Considering the variability of viral loads and sample diversity in COVID-19 patients, the sensitivity problem of antigen tests will be better understood. Antibody tests, which examine the host’s response to the agent, may be more useful in demonstrating the past infection. They can also be used as additional testing to confirm COVID-19 infection; however, in a low prevalence situation, although the specificity of these tests is high, false positivity rates will be very high (for example, if the seroprevalence in the population is 1%), the probability of an antibody positivity obtained with a test with a specificity of 99% will be around 50%. Therefore, the following: For the moment, it is recommended that they be used with caution, considering the limitations mentioned in auxiliary testing and seroepidemiological studies. The use of antibody tests for purposes such as investigating the presence of protective antibodies in people should be avoided. Previously, this type of serological testing has was central to the epidemiology of SARS and other coronavirus outbreaks. Rapid lateral flow tests that can detect both IgM and IgG antibodies will undoubtedly $1 are central to COVID-19.

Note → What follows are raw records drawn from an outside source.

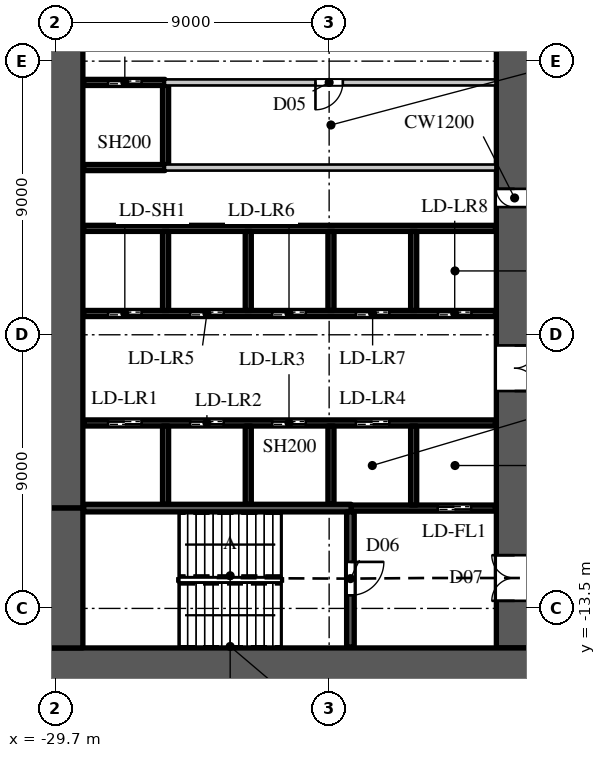
"""IFC4 building model, lengths in metres.
Left out: names, types, materials, properties, quantities, classifications, styles, units other than length and angle.
Written with IfcOpenShell. Run it as: python <this file> out.ifc"""

import sys

from ifc_helpers import new_model, si_unit, direction, frame, frame_2d, origin, place, context, subcontext, project, spatial, rectangle, extrude, element, fill, save


model = new_model("IFC4")
c1 = context("Model", 3, precision=1e-05, world=origin(), true_north=direction((0.0, 1.0)))
c2 = subcontext(c1, "Body", "Model", "MODEL_VIEW")
j1 = project(units=[si_unit("LENGTHUNIT", "METRE"), si_unit("PLANEANGLEUNIT", "RADIAN")], contexts=[c1])
p1 = place(None, origin())
s1 = spatial("IfcSite", under=j1, at=p1, CompositionType="ELEMENT")
p2 = place(p1, origin())
s2 = spatial("IfcBuilding", under=s1, at=p2, CompositionType="ELEMENT")
p3 = place(p2, origin())
s3 = spatial("IfcBuildingStorey", under=s2, at=p3, CompositionType="ELEMENT", Elevation=0.0)
p4 = place(p3, frame((-30.0, -15.4, 0.0), z_axis=(0.0, 0.0, 1.0), x_axis=(1.0, 0.0, 0.0)))
e1 = element("IfcWall", 1, at=p4, inside=s3, PredefinedType="SHEAR", context=c2, shape_type="SweptSolid", body=[
    extrude(rectangle(XDim=16.0, YDim=1.2, at=frame_2d((8.0, 0.0))), origin(), (0.0, 0.0, 1.0), 9.0),
])
p5 = place(p3, frame((-14.6, -14.8, 0.0), z_axis=(0.0, 0.0, 1.0), x_axis=(0.0, 1.0, 0.0)))
e2 = element("IfcWall", 2, at=p5, inside=s3, PredefinedType="SHEAR", context=c2, shape_type="SweptSolid", body=[
    extrude(rectangle(XDim=29.6, YDim=1.2, at=frame_2d((14.8, 0.0))), origin(), (0.0, 0.0, 1.0), 9.0),
])
p6 = place(p5, frame((1.55, 0.0, 0.0)))
e3 = element("IfcOpeningElement", 3, at=p6, cuts=e2, PredefinedType="OPENING", context=c2, shape_type="SweptSolid", body=[
    extrude(rectangle(XDim=1.5, YDim=2.4, at=frame_2d((0.75, 1.2))), frame((0.0, 0.61, 0.0), z_axis=(0.0, -1.0, 0.0), x_axis=(1.0, 0.0, 0.0)), (0.0, 0.0, 1.0), 1.22),
])
p7 = place(p5, frame((26.55, 0.0, 0.0)))
e4 = element("IfcOpeningElement", 4, at=p7, cuts=e2, PredefinedType="OPENING", context=c2, shape_type="SweptSolid", body=[
    extrude(rectangle(XDim=1.5, YDim=2.4, at=frame_2d((0.75, 1.2))), frame((0.0, 0.61, 0.0), z_axis=(0.0, -1.0, 0.0), x_axis=(1.0, 0.0, 0.0)), (0.0, 0.0, 1.0), 1.22),
])
p8 = place(p5, frame((8.45, 0.0, 0.0)))
e5 = element("IfcOpeningElement", 5, at=p8, cuts=e2, PredefinedType="OPENING", context=c2, shape_type="SweptSolid", body=[
    extrude(rectangle(XDim=1.5, YDim=2.4, at=frame_2d((0.75, 1.2))), frame((0.0, 0.61, 0.0), z_axis=(0.0, -1.0, 0.0), x_axis=(1.0, 0.0, 0.0)), (0.0, 0.0, 1.0), 1.22),
])
p9 = place(p5, frame((19.65, 0.0, 0.0)))
e6 = element("IfcOpeningElement", 6, at=p9, cuts=e2, PredefinedType="OPENING", context=c2, shape_type="SweptSolid", body=[
    extrude(rectangle(XDim=1.5, YDim=2.4, at=frame_2d((0.75, 1.2))), frame((0.0, 0.61, 0.0), z_axis=(0.0, -1.0, 0.0), x_axis=(1.0, 0.0, 0.0)), (0.0, 0.0, 1.0), 1.22),
])
p10 = place(p5, frame((14.5, 0.0, 0.0)))
e7 = element("IfcOpeningElement", 7, at=p10, cuts=e2, PredefinedType="OPENING", context=c2, shape_type="SweptSolid", body=[
    extrude(rectangle(XDim=0.6, YDim=2.0, at=frame_2d((0.3, 1.0))), frame((0.0, 0.61, 0.0), z_axis=(0.0, -1.0, 0.0), x_axis=(1.0, 0.0, 0.0)), (0.0, 0.0, 1.0), 1.22),
])
p11 = place(p3, frame((-29.4, -10.2, 0.0), z_axis=(0.0, 0.0, 1.0), x_axis=(0.0, 1.0, 0.0)))
e8 = element("IfcWall", 8, at=p11, inside=s3, PredefinedType="SHEAR", context=c2, shape_type="SweptSolid", body=[
    extrude(rectangle(XDim=20.4, YDim=1.2, at=frame_2d((10.2, 0.0))), origin(), (0.0, 0.0, 1.0), 9.0),
])
p12 = place(p3, frame((-29.4, -14.8, 0.0), z_axis=(0.0, 0.0, 1.0), x_axis=(0.0, 1.0, 0.0)))
e9 = element("IfcWall", 9, at=p12, inside=s3, PredefinedType="SHEAR", context=c2, shape_type="SweptSolid", body=[
    extrude(rectangle(XDim=4.6, YDim=1.2, at=frame_2d((2.3, 0.0))), origin(), (0.0, 0.0, 1.0), 9.0),
])
p13 = place(p3, frame((-26.1, 1.0, 0.0), z_axis=(0.0, 0.0, 1.0), x_axis=(1.0, 0.0, 0.0)))
e10 = element("IfcWall", 10, at=p13, inside=s3, PredefinedType="PARTITIONING", context=c2, shape_type="SweptSolid", body=[
    extrude(rectangle(XDim=10.87, YDim=0.2, at=frame_2d((5.435, 0.0))), origin(), (0.0, 0.0, 1.0), 8.598),
])
p14 = place(p3, frame((-26.1, 3.8, 0.0), z_axis=(0.0, 0.0, 1.0), x_axis=(1.0, 0.0, 0.0)))
e11 = element("IfcWall", 11, at=p14, inside=s3, PredefinedType="PARTITIONING", context=c2, shape_type="SweptSolid", body=[
    extrude(rectangle(XDim=10.87, YDim=0.2, at=frame_2d((5.435, 0.0))), origin(), (0.0, 0.0, 1.0), 8.598),
])
p15 = place(p14, frame((4.95, 0.0, 0.0)))
e12 = element("IfcOpeningElement", 12, at=p15, cuts=e11, PredefinedType="OPENING", context=c2, shape_type="SweptSolid", body=[
    extrude(rectangle(XDim=0.9, YDim=2.2, at=frame_2d((0.45, 1.1))), frame((0.0, 0.11, 0.0), z_axis=(0.0, -1.0, 0.0), x_axis=(1.0, 0.0, 0.0)), (0.0, 0.0, 1.0), 0.22),
])
p16 = place(p3, frame((-28.77, -7.4, 0.0), z_axis=(0.0, 0.0, 1.0), x_axis=(1.0, 0.0, 0.0)))
e13 = element("IfcWall", 13, at=p16, inside=s3, PredefinedType="SHEAR", context=c2, shape_type="SweptSolid", body=[
    extrude(rectangle(XDim=13.54, YDim=0.2, at=frame_2d((6.77, 0.0))), origin(), (0.0, 0.0, 1.0), 8.598),
])
p17 = place(p16, frame((0.8, 0.0, 0.0)))
e14 = element("IfcOpeningElement", 14, at=p17, cuts=e13, PredefinedType="OPENING", context=c2, shape_type="SweptSolid", body=[
    extrude(rectangle(XDim=1.1, YDim=2.2, at=frame_2d((0.55, 1.1))), frame((0.0, 0.11, 0.0), z_axis=(0.0, -1.0, 0.0), x_axis=(1.0, 0.0, 0.0)), (0.0, 0.0, 1.0), 0.22),
])
p18 = place(p16, frame((3.5, 0.0, 0.0)))
e15 = element("IfcOpeningElement", 15, at=p18, cuts=e13, PredefinedType="OPENING", context=c2, shape_type="SweptSolid", body=[
    extrude(rectangle(XDim=1.1, YDim=2.2, at=frame_2d((0.55, 1.1))), frame((0.0, 0.11, 0.0), z_axis=(0.0, -1.0, 0.0), x_axis=(1.0, 0.0, 0.0)), (0.0, 0.0, 1.0), 0.22),
])
p19 = place(p16, frame((6.2, 0.0, 0.0)))
e16 = element("IfcOpeningElement", 16, at=p19, cuts=e13, PredefinedType="OPENING", context=c2, shape_type="SweptSolid", body=[
    extrude(rectangle(XDim=1.1, YDim=2.2, at=frame_2d((0.55, 1.1))), frame((0.0, 0.11, 0.0), z_axis=(0.0, -1.0, 0.0), x_axis=(1.0, 0.0, 0.0)), (0.0, 0.0, 1.0), 0.22),
])
p20 = place(p16, frame((8.95, 0.0, 0.0)))
e17 = element("IfcOpeningElement", 17, at=p20, cuts=e13, PredefinedType="OPENING", context=c2, shape_type="SweptSolid", body=[
    extrude(rectangle(XDim=1.1, YDim=2.2, at=frame_2d((0.55, 1.1))), frame((0.0, 0.11, 0.0), z_axis=(0.0, -1.0, 0.0), x_axis=(1.0, 0.0, 0.0)), (0.0, 0.0, 1.0), 0.22),
])
p21 = place(p3, frame((-28.77, -3.8, 0.0), z_axis=(0.0, 0.0, 1.0), x_axis=(1.0, 0.0, 0.0)))
e18 = element("IfcWall", 18, at=p21, inside=s3, PredefinedType="SHEAR", context=c2, shape_type="SweptSolid", body=[
    extrude(rectangle(XDim=13.54, YDim=0.2, at=frame_2d((6.77, 0.0))), origin(), (0.0, 0.0, 1.0), 8.598),
])
p22 = place(p21, frame((0.8, 0.0, 0.0)))
e19 = element("IfcOpeningElement", 19, at=p22, cuts=e18, PredefinedType="OPENING", context=c2, shape_type="SweptSolid", body=[
    extrude(rectangle(XDim=1.1, YDim=2.2, at=frame_2d((0.55, 1.1))), frame((0.0, 0.11, 0.0), z_axis=(0.0, -1.0, 0.0), x_axis=(1.0, 0.0, 0.0)), (0.0, 0.0, 1.0), 0.22),
])
p23 = place(p21, frame((3.5, 0.0, 0.0)))
e20 = element("IfcOpeningElement", 20, at=p23, cuts=e18, PredefinedType="OPENING", context=c2, shape_type="SweptSolid", body=[
    extrude(rectangle(XDim=1.1, YDim=2.2, at=frame_2d((0.55, 1.1))), frame((0.0, 0.11, 0.0), z_axis=(0.0, -1.0, 0.0), x_axis=(1.0, 0.0, 0.0)), (0.0, 0.0, 1.0), 0.22),
])
p24 = place(p21, frame((6.2, 0.0, 0.0)))
e21 = element("IfcOpeningElement", 21, at=p24, cuts=e18, PredefinedType="OPENING", context=c2, shape_type="SweptSolid", body=[
    extrude(rectangle(XDim=1.1, YDim=2.2, at=frame_2d((0.55, 1.1))), frame((0.0, 0.11, 0.0), z_axis=(0.0, -1.0, 0.0), x_axis=(1.0, 0.0, 0.0)), (0.0, 0.0, 1.0), 0.22),
])
p25 = place(p21, frame((8.95, 0.0, 0.0)))
e22 = element("IfcOpeningElement", 22, at=p25, cuts=e18, PredefinedType="OPENING", context=c2, shape_type="SweptSolid", body=[
    extrude(rectangle(XDim=1.1, YDim=2.2, at=frame_2d((0.55, 1.1))), frame((0.0, 0.11, 0.0), z_axis=(0.0, -1.0, 0.0), x_axis=(1.0, 0.0, 0.0)), (0.0, 0.0, 1.0), 0.22),
])
p26 = place(p21, frame((11.65, 0.0, 0.0)))
e23 = element("IfcOpeningElement", 23, at=p26, cuts=e18, PredefinedType="OPENING", context=c2, shape_type="SweptSolid", body=[
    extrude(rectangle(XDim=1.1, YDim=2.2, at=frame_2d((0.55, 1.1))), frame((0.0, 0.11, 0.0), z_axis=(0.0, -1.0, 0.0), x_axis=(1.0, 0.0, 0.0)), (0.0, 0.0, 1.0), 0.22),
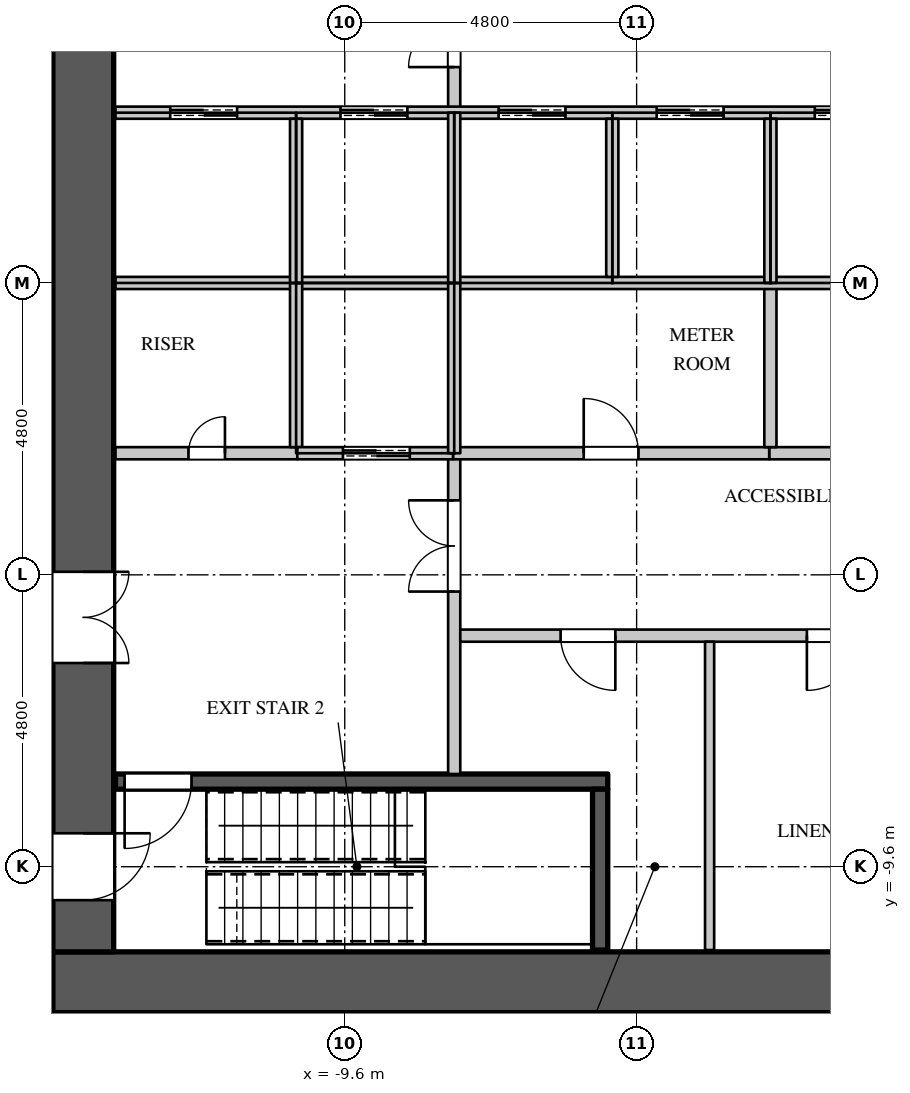
"""IFC4 building model, lengths in metres.
Left out: names, types, materials, properties, quantities, classifications, styles, units other than length and angle.
Written with IfcOpenShell. Run it as: python <this file> out.ifc"""

import sys

from ifc_helpers import new_model, si_unit, direction, frame, frame_2d, origin, place, context, subcontext, project, spatial, rectangle, extrude, element, fill, save


model = new_model("IFC4")
c1 = context("Model", 3, precision=1e-05, world=origin(), true_north=direction((0.0, 1.0)))
c2 = subcontext(c1, "Body", "Model", "MODEL_VIEW")
j1 = project(units=[si_unit("LENGTHUNIT", "METRE"), si_unit("PLANEANGLEUNIT", "RADIAN")], contexts=[c1])
p1 = place(None, origin())
s1 = spatial("IfcSite", under=j1, at=p1, CompositionType="ELEMENT")
p2 = place(p1, origin())
s2 = spatial("IfcBuilding", under=s1, at=p2, CompositionType="ELEMENT")
p3 = place(p2, frame((0.0, 0.0, 92.7)))
s3 = spatial("IfcBuildingStorey", under=s2, at=p3, CompositionType="ELEMENT", Elevation=92.7)
p4 = place(p3, frame((-14.4, -11.5, 0.0), z_axis=(0.0, 0.0, 1.0), x_axis=(1.0, 0.0, 0.0)))
e1 = element("IfcWall", 1, at=p4, inside=s3, PredefinedType="SHEAR", context=c2, shape_type="SweptSolid", body=[
    extrude(rectangle(XDim=28.8, YDim=1.0, at=frame_2d((14.4, 0.0))), origin(), (0.0, 0.0, 1.0), 4.2),
])
p5 = place(p3, frame((-13.9, -11.0, 0.0), z_axis=(0.0, 0.0, 1.0), x_axis=(0.0, 1.0, 0.0)))
e2 = element("IfcWall", 2, at=p5, inside=s3, PredefinedType="SHEAR", context=c2, shape_type="SweptSolid", body=[
    extrude(rectangle(XDim=22.0, YDim=1.0, at=frame_2d((11.0, 0.0))), origin(), (0.0, 0.0, 1.0), 4.2),
])
p6 = place(p5, frame((20.05, 0.0, 0.0)))
e3 = element("IfcOpeningElement", 3, at=p6, cuts=e2, PredefinedType="OPENING", context=c2, shape_type="SweptSolid", body=[
    extrude(rectangle(XDim=1.1, YDim=2.2, at=frame_2d((0.55, 1.1))), frame((0.0, 0.51, 0.0), z_axis=(0.0, -1.0, 0.0), x_axis=(1.0, 0.0, 0.0)), (0.0, 0.0, 1.0), 1.02),
])
p7 = place(p5, frame((0.85, 0.0, 0.0)))
e4 = element("IfcOpeningElement", 4, at=p7, cuts=e2, PredefinedType="OPENING", context=c2, shape_type="SweptSolid", body=[
    extrude(rectangle(XDim=1.1, YDim=2.2, at=frame_2d((0.55, 1.1))), frame((0.0, 0.51, 0.0), z_axis=(0.0, -1.0, 0.0), x_axis=(1.0, 0.0, 0.0)), (0.0, 0.0, 1.0), 1.02),
])
p8 = place(p5, frame((15.75, 0.0, 0.0)))
e5 = element("IfcOpeningElement", 5, at=p8, cuts=e2, PredefinedType="OPENING", context=c2, shape_type="SweptSolid", body=[
    extrude(rectangle(XDim=1.5, YDim=2.4, at=frame_2d((0.75, 1.2))), frame((0.0, 0.51, 0.0), z_axis=(0.0, -1.0, 0.0), x_axis=(1.0, 0.0, 0.0)), (0.0, 0.0, 1.0), 1.02),
])
p9 = place(p5, frame((4.75, 0.0, 0.0)))
e6 = element("IfcOpeningElement", 6, at=p9, cuts=e2, PredefinedType="OPENING", context=c2, shape_type="SweptSolid", body=[
    extrude(rectangle(XDim=1.5, YDim=2.4, at=frame_2d((0.75, 1.2))), frame((0.0, 0.51, 0.0), z_axis=(0.0, -1.0, 0.0), x_axis=(1.0, 0.0, 0.0)), (0.0, 0.0, 1.0), 1.02),
])
p10 = place(p3, frame((-7.8, -8.075, 0.0), z_axis=(0.0, 0.0, 1.0), x_axis=(0.0, 1.0, 0.0)))
e7 = element("IfcWall", 7, at=p10, inside=s3, PredefinedType="PARTITIONING", context=c2, shape_type="SweptSolid", body=[
    extrude(rectangle(XDim=5.275, YDim=0.2, at=frame_2d((2.637, 0.0))), origin(), (0.0, 0.0, 1.0), 3.798),
])
p11 = place(p10, frame((3.0, 0.0, 0.0)))
e8 = element("IfcOpeningElement", 8, at=p11, cuts=e7, PredefinedType="OPENING", context=c2, shape_type="SweptSolid", body=[
    extrude(rectangle(XDim=1.5, YDim=2.4, at=frame_2d((0.75, 1.2))), frame((0.0, 0.11, 0.0), z_axis=(0.0, -1.0, 0.0), x_axis=(1.0, 0.0, 0.0)), (0.0, 0.0, 1.0), 0.22),
])
p12 = place(p3, frame((-7.7, -5.8, 0.0), z_axis=(0.0, 0.0, 1.0), x_axis=(1.0, 0.0, 0.0)))
e9 = element("IfcWall", 9, at=p12, inside=s3, PredefinedType="PARTITIONING", context=c2, shape_type="SweptSolid", body=[
    extrude(rectangle(XDim=21.07, YDim=0.2, at=frame_2d((10.535, 0.0))), origin(), (0.0, 0.0, 1.0), 3.798),
])
p13 = place(p12, frame((1.65, 0.0, 0.0)))
e10 = element("IfcOpeningElement", 10, at=p13, cuts=e9, PredefinedType="OPENING", context=c2, shape_type="SweptSolid", body=[
    extrude(rectangle(XDim=0.9, YDim=2.2, at=frame_2d((0.45, 1.1))), frame((0.0, 0.11, 0.0), z_axis=(0.0, -1.0, 0.0), x_axis=(1.0, 0.0, 0.0)), (0.0, 0.0, 1.0), 0.22),
])
p14 = place(p12, frame((5.7, 0.0, 0.0)))
e11 = element("IfcOpeningElement", 11, at=p14, cuts=e9, PredefinedType="OPENING", context=c2, shape_type="SweptSolid", body=[
    extrude(rectangle(XDim=0.9, YDim=2.2, at=frame_2d((0.45, 1.1))), frame((0.0, 0.11, 0.0), z_axis=(0.0, -1.0, 0.0), x_axis=(1.0, 0.0, 0.0)), (0.0, 0.0, 1.0), 0.22),
])
p15 = place(p12, frame((10.2, 0.0, 0.0)))
e12 = element("IfcOpeningElement", 12, at=p15, cuts=e9, PredefinedType="OPENING", context=c2, shape_type="SweptSolid", body=[
    extrude(rectangle(XDim=0.9, YDim=2.2, at=frame_2d((0.45, 1.1))), frame((0.0, 0.11, 0.0), z_axis=(0.0, -1.0, 0.0), x_axis=(1.0, 0.0, 0.0)), (0.0, 0.0, 1.0), 0.22),
])
p16 = place(p12, frame((14.55, 0.0, 0.0)))
e13 = element("IfcOpeningElement", 13, at=p16, cuts=e9, PredefinedType="OPENING", context=c2, shape_type="SweptSolid", body=[
    extrude(rectangle(XDim=0.9, YDim=2.2, at=frame_2d((0.45, 1.1))), frame((0.0, 0.11, 0.0), z_axis=(0.0, -1.0, 0.0), x_axis=(1.0, 0.0, 0.0)), (0.0, 0.0, 1.0), 0.22),
])
p17 = place(p12, frame((18.5, 0.0, 0.0)))
e14 = element("IfcOpeningElement", 14, at=p17, cuts=e9, PredefinedType="OPENING", context=c2, shape_type="SweptSolid", body=[
    extrude(rectangle(XDim=0.9, YDim=2.2, at=frame_2d((0.45, 1.1))), frame((0.0, 0.11, 0.0), z_axis=(0.0, -1.0, 0.0), x_axis=(1.0, 0.0, 0.0)), (0.0, 0.0, 1.0), 0.22),
])
p18 = place(p3, frame((-7.8, 2.8, 0.0), z_axis=(0.0, 0.0, 1.0), x_axis=(0.0, 1.0, 0.0)))
e15 = element("IfcWall", 15, at=p18, inside=s3, PredefinedType="PARTITIONING", context=c2, shape_type="SweptSolid", body=[
    extrude(rectangle(XDim=5.275, YDim=0.2, at=frame_2d((2.637, 0.0))), origin(), (0.0, 0.0, 1.0), 3.798),
])
p19 = place(p18, frame((0.75, 0.0, 0.0)))
e16 = element("IfcOpeningElement", 16, at=p19, cuts=e15, PredefinedType="OPENING", context=c2, shape_type="SweptSolid", body=[
    extrude(rectangle(XDim=1.5, YDim=2.4, at=frame_2d((0.75, 1.2))), frame((0.0, 0.11, 0.0), z_axis=(0.0, -1.0, 0.0), x_axis=(1.0, 0.0, 0.0)), (0.0, 0.0, 1.0), 0.22),
])
p20 = place(p3, frame((-2.62, -2.8, 0.0), z_axis=(0.0, 0.0, 1.0), x_axis=(1.0, 0.0, 0.0)))
e17 = element("IfcWall", 17, at=p20, inside=s3, PredefinedType="PARTITIONING", context=c2, shape_type="SweptSolid", body=[
    extrude(rectangle(XDim=10.44, YDim=0.2, at=frame_2d((5.22, 0.0))), origin(), (0.0, 0.0, 1.0), 3.798),
])
p21 = place(p20, frame((2.25, 0.0, 0.0)))
e18 = element("IfcOpeningElement", 18, at=p21, cuts=e17, PredefinedType="OPENING", context=c2, shape_type="SweptSolid", body=[
    extrude(rectangle(XDim=0.9, YDim=2.2, at=frame_2d((0.45, 1.1))), frame((0.0, 0.11, 0.0), z_axis=(0.0, -1.0, 0.0), x_axis=(1.0, 0.0, 0.0)), (0.0, 0.0, 1.0), 0.22),
])
p22 = place(p20, frame((7.3, 0.0, 0.0)))
e19 = element("IfcOpeningElement", 19, at=p22, cuts=e17, PredefinedType="OPENING", context=c2, shape_type="SweptSolid", body=[
    extrude(rectangle(XDim=0.9, YDim=2.2, at=frame_2d((0.45, 1.1))), frame((0.0, 0.11, 0.0), z_axis=(0.0, -1.0, 0.0), x_axis=(1.0, 0.0, 0.0)), (0.0, 0.0, 1.0), 0.22),
])
p23 = place(p3, frame((-3.6, -10.97, 0.0), z_axis=(0.0, 0.0, 1.0), x_axis=(0.0, 1.0, 0.0)))
e20 = element("IfcWall", 20, at=p23, inside=s3, PredefinedType="PARTITIONING", context=c2, shape_type="SweptSolid", body=[
    extrude(rectangle(XDim=5.07, YDim=0.15, at=frame_2d((2.535, 0.0))), origin(), (0.0, 0.0, 1.0), 3.798),
])
p24 = place(p3, frame((-13.37, -2.8, 0.0), z_axis=(0.0, 0.0, 1.0), x_axis=(1.0, 0.0, 0.0)))
e21 = element("IfcWall", 21, at=p24, inside=s3, PredefinedType="PARTITIONING", context=c2, shape_type="SweptSolid", body=[
    extrude(rectangle(XDim=2.99, YDim=0.2, at=frame_2d((1.495, 0.0))), origin(), (0.0, 0.0, 1.0), 3.798),
])
p25 = place(p24, frame((1.2, 0.0, 0.0)))
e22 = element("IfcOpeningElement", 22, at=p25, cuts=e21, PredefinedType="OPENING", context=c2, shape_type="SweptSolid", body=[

However, IgM responses have specificity problems and specific IgG response development takes time. It seems unlikely that biology tests will play a role in active case management, apart from tasks such as diagnosing/confirming late cases of COVID-19 or determining a person’s immunity (18, 28, 35, 36).
Next-generation DNA sequencing analysis, although its use is limited in the diagnosis of SARS-CoV-2 due to its high cost, is especially used for understanding and monitoring viral evolution and for genoepidemiological studies. US-FDA has approved the Illumina COVIDSeq that is an amplicon-based NGS platform. This was the qualitative detection method that uses different sets primers and probes leveraged from ARTIC multiplex PCR protocol. Similarly, Thermo Fischer Scientific has launched Ion AmpliSeq SARS-CoV-2, but this is a research panel for NGS. For new generation and long read protocol introduced by Oxford nanotechnology. This protocol has substantial benefits for analytical innovations due to long reads (37).